# Bios settings for new ram!



## reload (Jun 21, 2005)

I bought some new ram for my motherboard a ASUS P4P800 Deluxe. How do you go about in your bios to set it up? The ram is TWINX2048-3200C2 and I like to find out how to set the voltage and latency in my bois? Thanks for any help.
Reload
************************


----------



## dai (Jul 2, 2004)

set it to auto detect the ram


----------



## reload (Jun 21, 2005)

I checked my new ram and the frequency is 200MHZ,CAS#Latency 3.0, RAS# to CAS# 3, RAS# Precharge 3 and TRAS 8. Shouldn't the latency read lower than what it shows?


----------



## MunkyPhil (Apr 7, 2006)

Not necessarily, a Column Address Strobe (CAS) latency of 3 is pretty good, check the specification.

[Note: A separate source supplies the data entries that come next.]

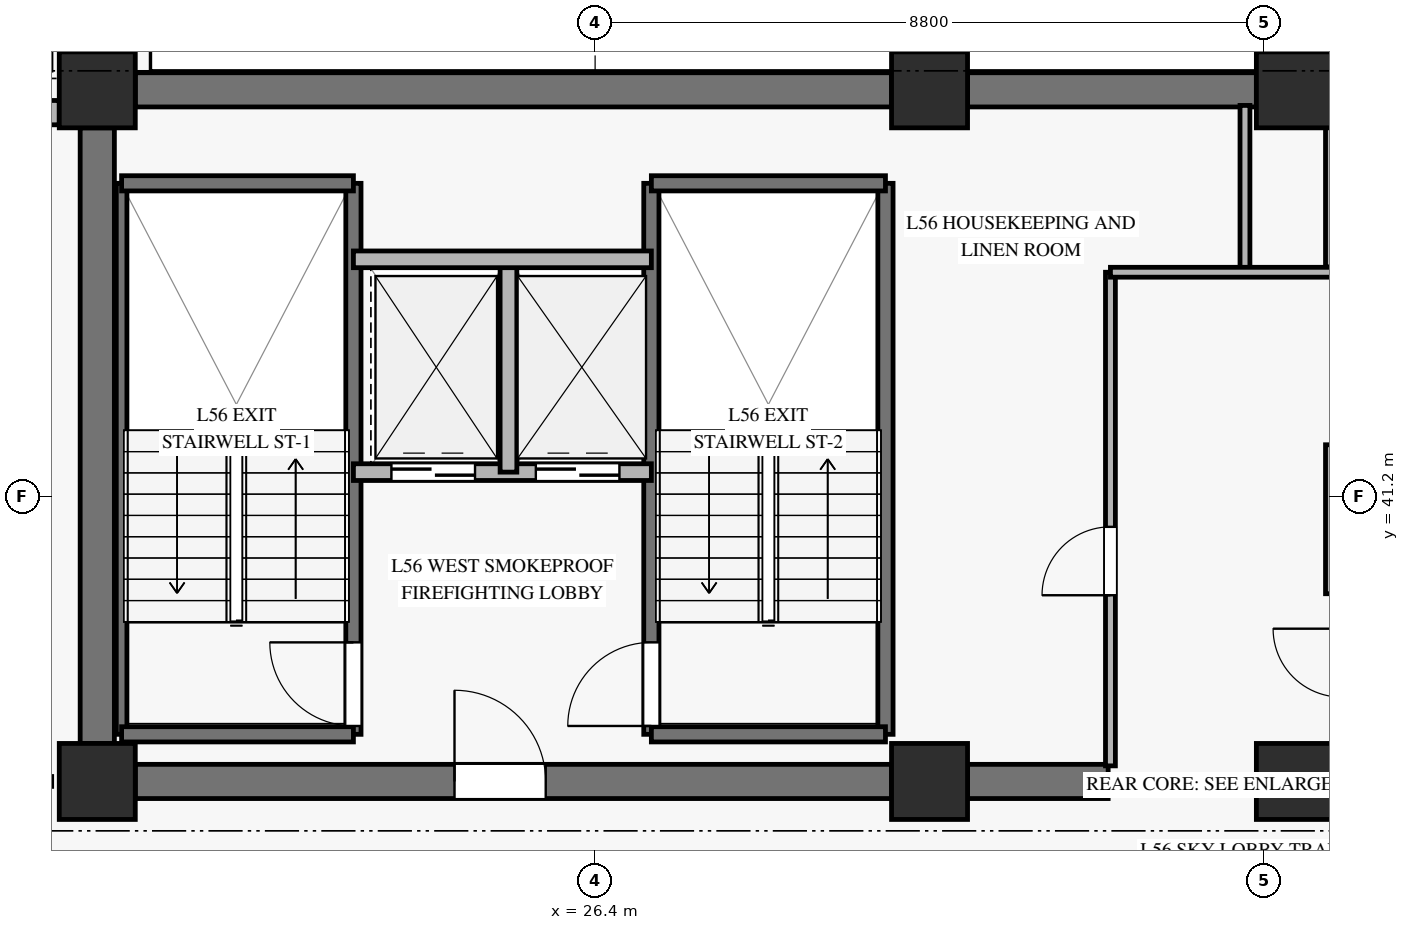
"""IFC4 building model, lengths in metres.
Left out: names, types, materials, properties, quantities, classifications, styles, units other than length and angle.
Written with IfcOpenShell. Run it as: python <this file> out.ifc"""

import sys

from ifc_helpers import new_model, si_unit, direction, frame, frame_2d, origin, origin_2d, place, context, subcontext, project, spatial, rectangle, extrude, source, transform, mapped, element, fill, save


model = new_model("IFC4")
c1 = context("Model", 3, precision=1e-05, world=origin(), true_north=direction((0.0, 1.0)))
c2 = subcontext(c1, "Body", "Model", "MODEL_VIEW")
j1 = project(units=[si_unit("LENGTHUNIT", "METRE"), si_unit("PLANEANGLEUNIT", "RADIAN")], contexts=[c1])
p1 = place(None, origin())
s1 = spatial("IfcSite", under=j1, at=p1, CompositionType="ELEMENT")
p2 = place(p1, origin())
s2 = spatial("IfcBuilding", under=s1, at=p2, CompositionType="ELEMENT")
p3 = place(p2, frame((0.0, 0.0, 220.2)))
s3 = spatial("IfcBuildingStorey", under=s2, at=p3, CompositionType="ELEMENT", Elevation=220.2)
m1 = source(origin(), c2, "Body", "SweptSolid", [
    extrude(rectangle(XDim=1.0, YDim=1.0, at=origin_2d()), origin(), (0.0, 0.0, 1.0), 6.585),
])
for number, where, z_axis, x_axis in (
    (1, (19.85, 37.45, 0.0), (0.0, 0.0, 1.0), (1.0, 0.0, 0.0)),
    (2, (19.85, 46.55, 0.0), (0.0, 0.0, 1.0), (1.0, 0.0, 0.0)),
    (3, (30.8, 37.45, 0.0), (0.0, 0.0, 1.0), (1.0, 0.0, 0.0)),
    (4, (30.8, 46.55, 0.0), (0.0, 0.0, 1.0), (1.0, 0.0, 0.0)),
    (5, (35.6, 37.45, 0.0), (0.0, 0.0, 1.0), (1.0, 0.0, 0.0)),
    (6, (35.6, 46.55, 0.0), (0.0, 0.0, 1.0), (1.0, 0.0, 0.0)),
):
    element("IfcColumn", number, at=place(p3, frame(where, z_axis=z_axis, x_axis=x_axis)), inside=s3, PredefinedType="PILASTER", context=c2, shape_type="MappedRepresentation", body=[
        mapped(m1, transform((0.0, 0.0, 0.0), x_axis=(1.0, 0.0, 0.0), y_axis=(0.0, 1.0, 0.0), z_axis=(0.0, 0.0, 1.0), scale=1.0)),
    ])
p4 = place(p3, frame((20.35, 46.55, 0.0), z_axis=(0.0, 0.0, 1.0), x_axis=(1.0, 0.0, 0.0)))
e7 = element("IfcWall", 7, at=p4, inside=s3, PredefinedType="SHEAR", context=c2, shape_type="SweptSolid", body=[
    extrude(rectangle(XDim=9.95, YDim=0.45, at=frame_2d((4.975, 0.0))), origin(), (0.0, 0.0, 1.0), 6.585),
])
p5 = place(p3, frame((31.3, 46.55, 0.0), z_axis=(0.0, 0.0, 1.0), x_axis=(1.0, 0.0, 0.0)))
e8 = element("IfcWall", 8, at=p5, inside=s3, PredefinedType="SHEAR", context=c2, shape_type="SweptSolid", body=[
    extrude(rectangle(XDim=3.8, YDim=0.45, at=frame_2d((1.9, 0.0))), origin(), (0.0, 0.0, 1.0), 6.585),
])
p6 = place(p3, frame((20.35, 37.45, 0.0), z_axis=(0.0, 0.0, 1.0), x_axis=(1.0, 0.0, 0.0)))
e9 = element("IfcWall", 9, at=p6, inside=s3, PredefinedType="SHEAR", context=c2, shape_type="SweptSolid", body=[
    extrude(rectangle(XDim=9.95, YDim=0.45, at=frame_2d((4.975, 0.0))), origin(), (0.0, 0.0, 1.0), 6.585),
])
p7 = place(p6, frame((4.2, 0.0, 0.0)))
e10 = element("IfcOpeningElement", 10, at=p7, cuts=e9, PredefinedType="OPENING", context=c2, shape_type="SweptSolid", body=[
    extrude(rectangle(XDim=1.2, YDim=2.15, at=frame_2d((0.6, 1.075))), frame((0.0, 0.235, 0.0), z_axis=(0.0, -1.0, 0.0), x_axis=(1.0, 0.0, 0.0)), (0.0, 0.0, 1.0), 0.47),
])
p8 = place(p3, frame((31.3, 37.45, 0.0), z_axis=(0.0, 0.0, 1.0), x_axis=(1.0, 0.0, 0.0)))
e11 = element("IfcWall", 11, at=p8, inside=s3, PredefinedType="SHEAR", context=c2, shape_type="SweptSolid", body=[
    extrude(rectangle(XDim=1.85, YDim=0.45, at=frame_2d((0.925, 0.0))), origin(), (0.0, 0.0, 1.0), 6.585),
])
p9 = place(p3, frame((19.85, 37.95, 0.0), z_axis=(0.0, 0.0, 1.0), x_axis=(0.0, 1.0, 0.0)))
e12 = element("IfcWall", 12, at=p9, inside=s3, PredefinedType="SHEAR", context=c2, shape_type="SweptSolid", body=[
    extrude(rectangle(XDim=8.1, YDim=0.45, at=frame_2d((4.05, 0.0))), origin(), (0.0, 0.0, 1.0), 6.585),
])
p10 = place(p3, frame((10.172, 46.25, 0.0), z_axis=(0.0, 0.0, 1.0), x_axis=(1.0, 0.0, 0.0)))
e13 = element("IfcWall", 13, at=p10, inside=s3, PredefinedType="SOLIDWALL", context=c2, shape_type="SweptSolid", body=[
    extrude(rectangle(XDim=9.178, YDim=0.32, at=frame_2d((4.589, 0.0))), origin(), (0.0, 0.0, 1.0), 6.065),
])
p11 = place(p10, frame((3.789, 0.0, 0.45)))
e14 = element("IfcOpeningElement", 14, at=p11, cuts=e13, PredefinedType="OPENING", context=c2, shape_type="SweptSolid", body=[
    extrude(rectangle(XDim=1.6, YDim=2.0, at=frame_2d((0.8, 1.0))), frame((0.0, 0.17, 0.0), z_axis=(0.0, -1.0, 0.0), x_axis=(1.0, 0.0, 0.0)), (0.0, 0.0, 1.0), 0.34),
])
p12 = place(p3, frame((20.17, 38.07, 0.0), z_axis=(0.0, 0.0, 1.0), x_axis=(0.0, 1.0, 0.0)))
e15 = element("IfcWall", 15, at=p12, inside=s3, PredefinedType="SOLIDWALL", context=c2, shape_type="SweptSolid", body=[
    extrude(rectangle(XDim=7.25, YDim=0.14, at=frame_2d((3.625, 0.0))), origin(), (0.0, 0.0, 1.0), 6.8),
])
p13 = place(p3, frame((23.22, 38.07, 0.0), z_axis=(0.0, 0.0, 1.0), x_axis=(0.0, 1.0, 0.0)))
e16 = element("IfcWall", 16, at=p13, inside=s3, PredefinedType="SOLIDWALL", context=c2, shape_type="SweptSolid", body=[
    extrude(rectangle(XDim=7.25, YDim=0.2, at=frame_2d((3.625, 0.0))), origin(), (0.0, 0.0, 1.0), 6.8),
])
p14 = place(p13, frame((0.11, 0.0, 0.0)))
e17 = element("IfcOpeningElement", 17, at=p14, cuts=e16, PredefinedType="OPENING", context=c2, shape_type="SweptSolid", body=[
    extrude(rectangle(XDim=1.1, YDim=2.15, at=frame_2d((0.55, 1.075))), frame((0.0, 0.11, 0.0), z_axis=(0.0, -1.0, 0.0), x_axis=(1.0, 0.0, 0.0)), (0.0, 0.0, 1.0), 0.22),
])
for number, where, z_axis, x_axis in (
    (18, (20.17, 45.32, 0.0), (0.0, 0.0, 1.0), (1.0, 0.0, 0.0)),
    (19, (20.17, 38.07, 0.0), (0.0, 0.0, 1.0), (1.0, 0.0, 0.0)),
):
    element("IfcWall", number, at=place(p3, frame(where, z_axis=z_axis, x_axis=x_axis)), inside=s3, PredefinedType="SOLIDWALL", context=c2, shape_type="SweptSolid", body=[
        extrude(rectangle(XDim=3.05, YDim=0.2, at=frame_2d((1.525, 0.0))), origin(), (0.0, 0.0, 1.0), 6.8),
    ])
p15 = place(p3, frame((27.14, 38.07, 0.0), z_axis=(0.0, 0.0, 1.0), x_axis=(0.0, 1.0, 0.0)))
e20 = element("IfcWall", 20, at=p15, inside=s3, PredefinedType="SOLIDWALL", context=c2, shape_type="SweptSolid", body=[
    extrude(rectangle(XDim=7.25, YDim=0.2, at=frame_2d((3.625, 0.0))), origin(), (0.0, 0.0, 1.0), 6.8),
])
p16 = place(p15, frame((0.11, 0.0, 0.0)))
e21 = element("IfcOpeningElement", 21, at=p16, cuts=e20, PredefinedType="OPENING", context=c2, shape_type="SweptSolid", body=[
    extrude(rectangle(XDim=1.1, YDim=2.15, at=frame_2d((0.55, 1.075))), frame((0.0, 0.11, 0.0), z_axis=(0.0, -1.0, 0.0), x_axis=(1.0, 0.0, 0.0)), (0.0, 0.0, 1.0), 0.22),
])
p17 = place(p3, frame((30.22, 38.07, 0.0), z_axis=(0.0, 0.0, 1.0), x_axis=(0.0, 1.0, 0.0)))
e22 = element("IfcWall", 22, at=p17, inside=s3, PredefinedType="SOLIDWALL", context=c2, shape_type="SweptSolid", body=[
    extrude(rectangle(XDim=7.25, YDim=0.2, at=frame_2d((3.625, 0.0))), origin(), (0.0, 0.0, 1.0), 6.8),
])
for number, where, z_axis, x_axis in (
    (23, (27.14, 45.32, 0.0), (0.0, 0.0, 1.0), (1.0, 0.0, 0.0)),
    (24, (27.14, 38.07, 0.0), (0.0, 0.0, 1.0), (1.0, 0.0, 0.0)),
):
    element("IfcWall", number, at=place(p3, frame(where, z_axis=z_axis, x_axis=x_axis)), inside=s3, PredefinedType="SOLIDWALL", context=c2, shape_type="SweptSolid", body=[
        extrude(rectangle(XDim=3.08, YDim=0.2, at=frame_2d((1.54, 0.0))), origin(), (0.0, 0.0, 1.0), 6.8),
    ])
p18 = place(p3, frame((23.22, 41.52, 0.0), z_axis=(0.0, 0.0, 1.0), x_axis=(1.0, 0.0, 0.0)))
e25 = element("IfcWall", 25, at=p18, inside=s3, PredefinedType="SOLIDWALL", context=c2, shape_type="SweptSolid", body=[
    extrude(rectangle(XDim=3.92, YDim=0.22, at=frame_2d((1.96, 0.0))), origin(), (0.0, 0.0, 1.0), 6.585),
])
p19 = place(p18, frame((0.5, 0.0, 0.0)))
e26 = element("IfcOpeningElement", 26, at=p19, cuts=e25, PredefinedType="OPENING", context=c2, shape_type="SweptSolid", body=[
    extrude(rectangle(XDim=1.1, YDim=2.2, at=frame_2d((0.55, 1.1))), frame((0.0, 0.12, 0.0), z_axis=(0.0, -1.0, 0.0), x_axis=(1.0, 0.0, 0.0)), (0.0, 0.0, 1.0), 0.24),
])
p20 = place(p18, frame((2.4, 0.0, 0.0)))
e27 = element("IfcOpeningElement", 27, at=p20, cuts=e25, PredefinedType="OPENING", context=c2, shape_type="SweptSolid", body=[
    extrude(rectangle(XDim=1.1, YDim=2.2, at=frame_2d((0.55, 1.1))), frame((0.0, 0.12, 0.0), z_axis=(0.0, -1.0, 0.0), x_axis=(1.0, 0.0, 0.0)), (0.0, 0.0, 1.0), 0.24),
])
p21 = place(p3, frame((25.26, 41.52, 0.0), z_axis=(0.0, 0.0, 1.0), x_axis=(0.0, 1.0, 0.0)))
e28 = element("IfcWall", 28, at=p21, inside=s3, PredefinedType="SOLIDWALL", context=c2, shape_type="SweptSolid", body=[
    extrude(rectangle(XDim=2.8, YDim=0.22, at=frame_2d((1.4, 0.0))), origin(), (0.0, 0.0, 1.0), 6.585),
])
p22 = place(p3, frame((23.22, 44.32, 0.0), z_axis=(0.0, 0.0, 1.0), x_axis=(1.0, 0.0, 0.0)))
e29 = element("IfcWall", 29, at=p22, inside=s3, PredefinedType="SOLIDWALL", context=c2, shape_type="SweptSolid", body=[
    extrude(rectangle(XDim=3.92, YDim=0.22, at=frame_2d((1.96, 0.0))), origin(), (0.0, 0.0, 1.0), 6.585),
])
p23 = place(p3, frame((36.12, 39.92, 0.0), z_axis=(0.0, 0.0, 1.0), x_axis=(0.0, 1.0, 0.0)))
e30 = element("IfcWall", 30, at=p23, inside=s3, PredefinedType="SOLIDWALL", context=c2, shape_type="SweptSolid", body=[
    extrude(rectangle(XDim=1.96, YDim=0.22, at=frame_2d((0.98, 0.0))), origin(), (0.0, 0.0, 1.0), 6.585),
])
p24 = place(p3, frame((36.12, 44.22, 0.0), z_axis=(0.0, 0.0, 1.0), x_axis=(0.0, 1.0, 0.0)))
e31 = element("IfcWall", 31, at=p24, inside=s3, PredefinedType="SOLIDWALL", context=c2, shape_type="SweptSolid", body=[
    extrude(rectangle(XDim=2.125, YDim=0.22, at=frame_2d((1.062, 0.0))), origin(), (0.0, 0.0, 1.0), 6.585),
])
p25 = place(p3, frame((33.18, 37.655, 0.0), z_axis=(0.0, 0.0, 1.0), x_axis=(0.0, 1.0, 0.0)))
e32 = element("IfcWall", 32, at=p25, inside=s3, PredefinedType="PARTITIONING", context=c2, shape_type="SweptSolid", body=[
    extrude(rectangle(XDim=6.495, YDim=0.13, at=frame_2d((3.248, 0.0))), origin(), (0.0, 0.0, 1.0), 5.67),
])
p26 = place(p25, frame((2.245, 0.0, 0.0)))
e33 = element("IfcOpeningElement", 33, at=p26, cuts=e32, PredefinedType="OPENING", context=c2, shape_type="SweptSolid", body=[
    extrude(rectangle(XDim=0.9, YDim=2.1, at=frame_2d((0.45, 1.05))), frame((0.0, 0.075, 0.0), z_axis=(0.0, -1.0, 0.0), x_axis=(1.0, 0.0, 0.0)), (0.0, 0.0, 1.0), 0.15),
])
p27 = place(p3, frame((34.95, 44.15, 0.0), z_axis=(0.0, 0.0, 1.0), x_axis=(0.0, 1.0, 0.0)))
e34 = element("IfcWall", 34, at=p27, inside=s3, PredefinedType="PARTITIONING", context=c2, shape_type="SweptSolid", body=[
    extrude(rectangle(XDim=2.195, YDim=0.13, at=frame_2d((1.098, 0.0))), origin(), (0.0, 0.0, 1.0), 6.585),
])
p28 = place(p3, frame((33.18, 44.15, 0.0), z_axis=(0.0, 0.0, 1.0), x_axis=(1.0, 0.0, 0.0)))
e35 = element("IfcWall", 35, at=p28, inside=s3, PredefinedType="PARTITIONING", context=c2, shape_type="SweptSolid", body=[
    extrude(rectangle(XDim=2.97, YDim=0.13, at=frame_2d((1.485, 0.0))), origin(), (0.0, 0.0, 1.0), 5.87),
])
m2 = source(origin(), c2, "Body", "SweptSolid", [
    extrude(rectangle(XDim=1.1, YDim=2.15, at=frame_2d((0.55, 1.075))), frame((0.0, 0.025, 0.0), z_axis=(0.0, -1.0, 0.0), x_axis=(1.0, 0.0, 0.0)), (0.0, 0.0, 1.0), 0.05),
])
p29 = place(p14, origin())
e36 = element("IfcDoor", 36, at=p29, inside=s3, OperationType="SINGLE_SWING_RIGHT", PredefinedType="DOOR", context=c2, shape_type="MappedRepresentation", body=[
    mapped(m2, transform((0.0, 0.0, 0.0), x_axis=(1.0, 0.0, 0.0), y_axis=(0.0, 1.0, 0.0), z_axis=(0.0, 0.0, 1.0), scale=1.0)),
])
fill(e17, e36)
p30 = place(p16, origin())
e37 = element("IfcDoor", 37, at=p30, inside=s3, OperationType="SINGLE_SWING_LEFT", PredefinedType="DOOR", context=c2, shape_type="MappedRepresentation", body=[
    mapped(m2, transform((0.0, 0.0, 0.0), x_axis=(1.0, 0.0, 0.0), y_axis=(0.0, 1.0, 0.0), z_axis=(0.0, 0.0, 1.0), scale=1.0)),
])
fill(e21, e37)
m3 = source(origin(), c2, "Body", "SweptSolid", [
    extrude(rectangle(XDim=1.1, YDim=2.2, at=frame_2d((0.55, 1.1))), frame((0.0, 0.025, 0.0), z_axis=(0.0, -1.0, 0.0), x_axis=(1.0, 0.0, 0.0)), (0.0, 0.0, 1.0), 0.05),
])
p31 = place(p19, origin())
e38 = element("IfcDoor", 38, at=p31, inside=s3, OperationType="SLIDING_TO_LEFT", PredefinedType="DOOR", context=c2, shape_type="MappedRepresentation", body=[
    mapped(m3, transform((0.0, 0.0, 0.0), x_axis=(1.0, 0.0, 0.0), y_axis=(0.0, 1.0, 0.0), z_axis=(0.0, 0.0, 1.0), scale=1.0)),
])
fill(e26, e38)
p32 = place(p20, origin())
e39 = element("IfcDoor", 39, at=p32, inside=s3, OperationType="SLIDING_TO_LEFT", PredefinedType="DOOR", context=c2, shape_type="MappedRepresentation", body=[
    mapped(m3, transform((0.0, 0.0, 0.0), x_axis=(1.0, 0.0, 0.0), y_axis=(0.0, 1.0, 0.0), z_axis=(0.0, 0.0, 1.0), scale=1.0)),
])
fill(e27, e39)
m4 = source(origin(), c2, "Body", "SweptSolid", [
    extrude(rectangle(XDim=1.2, YDim=2.15, at=frame_2d((0.6, 1.075))), frame((0.0, 0.025, 0.0), z_axis=(0.0, -1.0, 0.0), x_axis=(1.0, 0.0, 0.0)), (0.0, 0.0, 1.0), 0.05),
])
p33 = place(p7, origin())
e40 = element("IfcDoor", 40, at=p33, inside=s3, OperationType="SINGLE_SWING_LEFT", PredefinedType="DOOR", context=c2, shape_type="MappedRepresentation", body=[
    mapped(m4, transform((0.0, 0.0, 0.0), x_axis=(1.0, 0.0, 0.0), y_axis=(0.0, 1.0, 0.0), z_axis=(0.0, 0.0, 1.0), scale=1.0)),
])
fill(e10, e40)
m5 = source(origin(), c2, "Body", "SweptSolid", [
    extrude(rectangle(XDim=0.9, YDim=2.1, at=frame_2d((0.45, 1.05))), frame((0.0, 0.025, 0.0), z_axis=(0.0, -1.0, 0.0), x_axis=(1.0, 0.0, 0.0)), (0.0, 0.0, 1.0), 0.05),
])
p34 = place(p26, origin())
e41 = element("IfcDoor", 41, at=p34, inside=s3, OperationType="SINGLE_SWING_LEFT", PredefinedType="DOOR", context=c2, shape_type="MappedRepresentation", body=[
    mapped(m5, transform((0.0, 0.0, 0.0), x_axis=(1.0, 0.0, 0.0), y_axis=(0.0, 1.0, 0.0), z_axis=(0.0, 0.0, 1.0), scale=1.0)),
])
fill(e33, e41)
save(model, sys.argv[1])

My RAM (<=check my spec) runs at different speeds for different RAM speeds, its CAS latency changes from 2.5 at 500MHz and 2.0 at 400MHz. I let my BIOS automatically sort out the best configuration for me and if I were you I'd do the same, if you're not experienced then you could potentially damage your RAM or worse, your motherboard.


----------



## reload (Jun 21, 2005)

Thanks MunkyPhil for the info! I don't know much about ram latency but will begin to do more research. Also that's funny about your dream about eating a 10lb marshmallow:laugh: .


----------